Israeli politician (1926–2012)

Amos Degani (עמוס דגני; 23 May 1926 – 29 July 2012) was an Israeli politician who served as a member of the Knesset between 1957 and 1969.

==Biography==
Born in Tel Aviv during the Mandate era, Degani was a member of HaNoar HaOved during his youth, becoming a member of its secretariat in 1942. He studied public administration at the Hebrew University of Jerusalem.

Having been a co-ordinator for the Moshav Youth, he became a member of the Moshavim Movement's secretariat, and served as director of its Department of Youth Settlement and Security. He also worked as a trainer for immigrants in moshavim in the Negev desert.

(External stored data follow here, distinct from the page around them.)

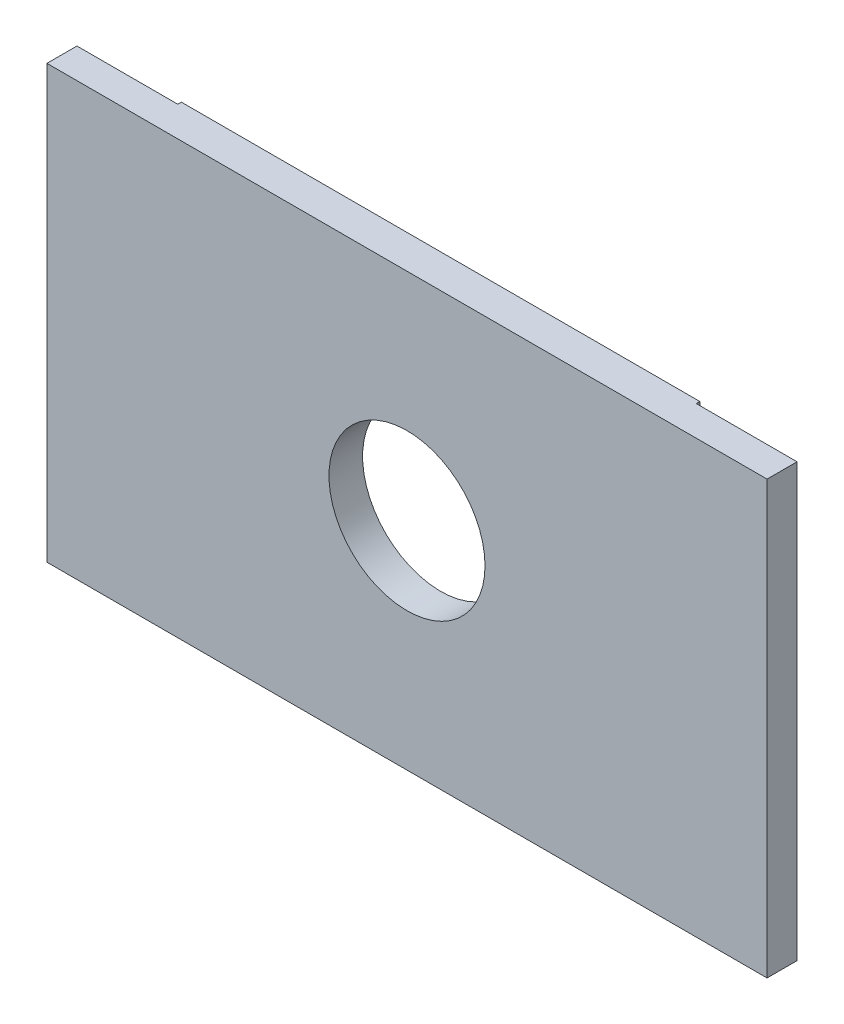
from build123d import *

# Parameters (mm, degrees)
SKETCH_1_W          = 300
SKETCH_1_H          = 180
EXTRUDE_1_DEPTH     = 14
SKETCH_2_W          = 42
SKETCH_2_H          = 180
CUT_EXTRUDE_1_DEPTH = 1.5
CUT_EXTRUDE_2_REACH = 177.488
SKETCH_3_R          = 32.5


with BuildPart() as part:
    # 草图1 → 凸台-拉伸1 (new body)
    with BuildSketch(Plane.XY):
        Rectangle(SKETCH_1_W, SKETCH_1_H)
    extrude(amount=EXTRUDE_1_DEPTH)

    # 草图2 → 切除-拉伸1 (cut)
    with BuildSketch(Plane(origin=(0, 0, 0), x_dir=(-1, 0, 0), z_dir=(0, 0, -1))):
        with Locations((129, 0)):
            Rectangle(SKETCH_2_W, SKETCH_2_H)
        with Locations((-129, 0)):
            Rectangle(SKETCH_2_W, SKETCH_2_H)
    extrude(amount=-CUT_EXTRUDE_1_DEPTH, mode=Mode.SUBTRACT)

    # 草图3 → 切除-拉伸2 (cut, up to next)
    with BuildSketch(Plane.XY.offset(14), mode=Mode.PRIVATE) as cut_extrude_2_sk1:
        Circle(SKETCH_3_R)
    cut_extrude_2_tool1 = extrude(cut_extrude_2_sk1.sketch, amount=-CUT_EXTRUDE_2_REACH, mode=Mode.PRIVATE) & part.part
    add(cut_extrude_2_tool1.solids().sort_by_distance((0, 0, 14))[0], mode=Mode.SUBTRACT)


solid = part.part
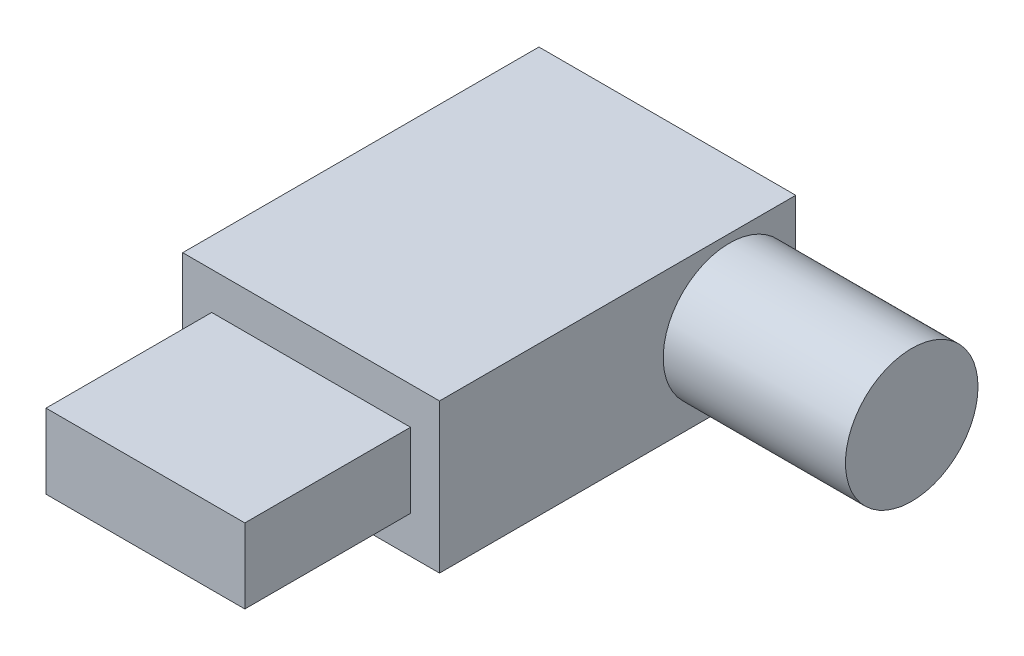
SolidWorks part; units mm, degrees
ref_plane "Front Plane" through (0, 0, 0) normal (0, 0, 1) x (1, 0, 0)
ref_plane "Top Plane" through (0, 0, 0) normal (0, 1, 0) x (1, 0, 0)
ref_plane "Right Plane" through (0, 0, 0) normal (1, 0, 0) x (0, 0, -1)
sketch "Sketch1" plane through (0, 0, 0) normal (0, 0, 1) x (1, 0, 0)
  line L1 (-7.75, -4.5) -> (7.75, -4.5)
  line L2 (-7.75, -4.5) -> (-7.75, 4.5)
  line L3 (-7.75, 4.5) -> (7.75, 4.5)
  line L4 (7.75, -4.5) -> (7.75, 4.5)
  line L5 (-7.75, -4.5) -> (7.75, 4.5) construction
  line L6 (-7.75, 4.5) -> (7.75, -4.5) construction
  point P0 (0, 0)
  dimension "D1" = 15.5
  dimension "D2" = 9
extrude "Boss-Extrude1" add sketch "Sketch1" against normal blind 21.5
sketch "Sketch2" plane through (7.75, 0, 0) normal (1, 0, 0) x (0, 0, -1)
  line L0 (0, 0) -> (21.5, 0) construction
  line L1 (21.5, -4.5) -> (21.5, 4.5) construction
  circle A0 centre (17.5, 0) radius 4
  dimension "D1" = 8
  dimension "D2" = 4
extrude "Boss-Extrude2" add sketch "Sketch2" along normal blind 11
sketch "Sketch3" plane through (0, 0, 0) normal (0, 0, 1) x (1, 0, 0)
  line L1 (-6, -2.25) -> (6, -2.25)
  line L2 (-6, -2.25) -> (-6, 2.25)
  line L3 (-6, 2.25) -> (6, 2.25)
  line L4 (6, -2.25) -> (6, 2.25)
  line L5 (-6, -2.25) -> (6, 2.25) construction
  line L6 (-6, 2.25) -> (6, -2.25) construction
  point P0 (0, 0)
  dimension "D1" = 12
  dimension "D2" = 4.5
extrude "Boss-Extrude3" add sketch "Sketch3" along normal blind 10

He joined Mapai in 1944 and was a director of its youth leadership. He was on the party's list for the 1955 elections, and although he failed to win a seat, he entered the Knesset on 19 December 1957 as a replacement for Aharon Remez. He retained his seat in elections in 1959 and 1961. In July 1965 he was amongst the Mapai members that left the party to establish Rafi under the leadership of David Ben-Gurion. Although he lost his seat in the November 1965 elections, he returned to the Knesset on 8 December that year as a replacement for Tzvi Tzur, who resigned his seat shortly after the elections. He lost his seat again in the 1969 elections. As a Knesset member Degani supported the reduction of agricultural subsidies by saying that "a real farmer would not want to be a civil servant", but he asked not to increase agricultural imports by saying that "agricultural products are today exposed to quite a large extent to competition."

Degani was also a member of the Histadrut's co-ordinating committee, and was responsible for co-operatives in Hevrat Ovdim between 1970 and 1975.

Between 1975 and 1995 he served as head of Hefer Valley Regional Council.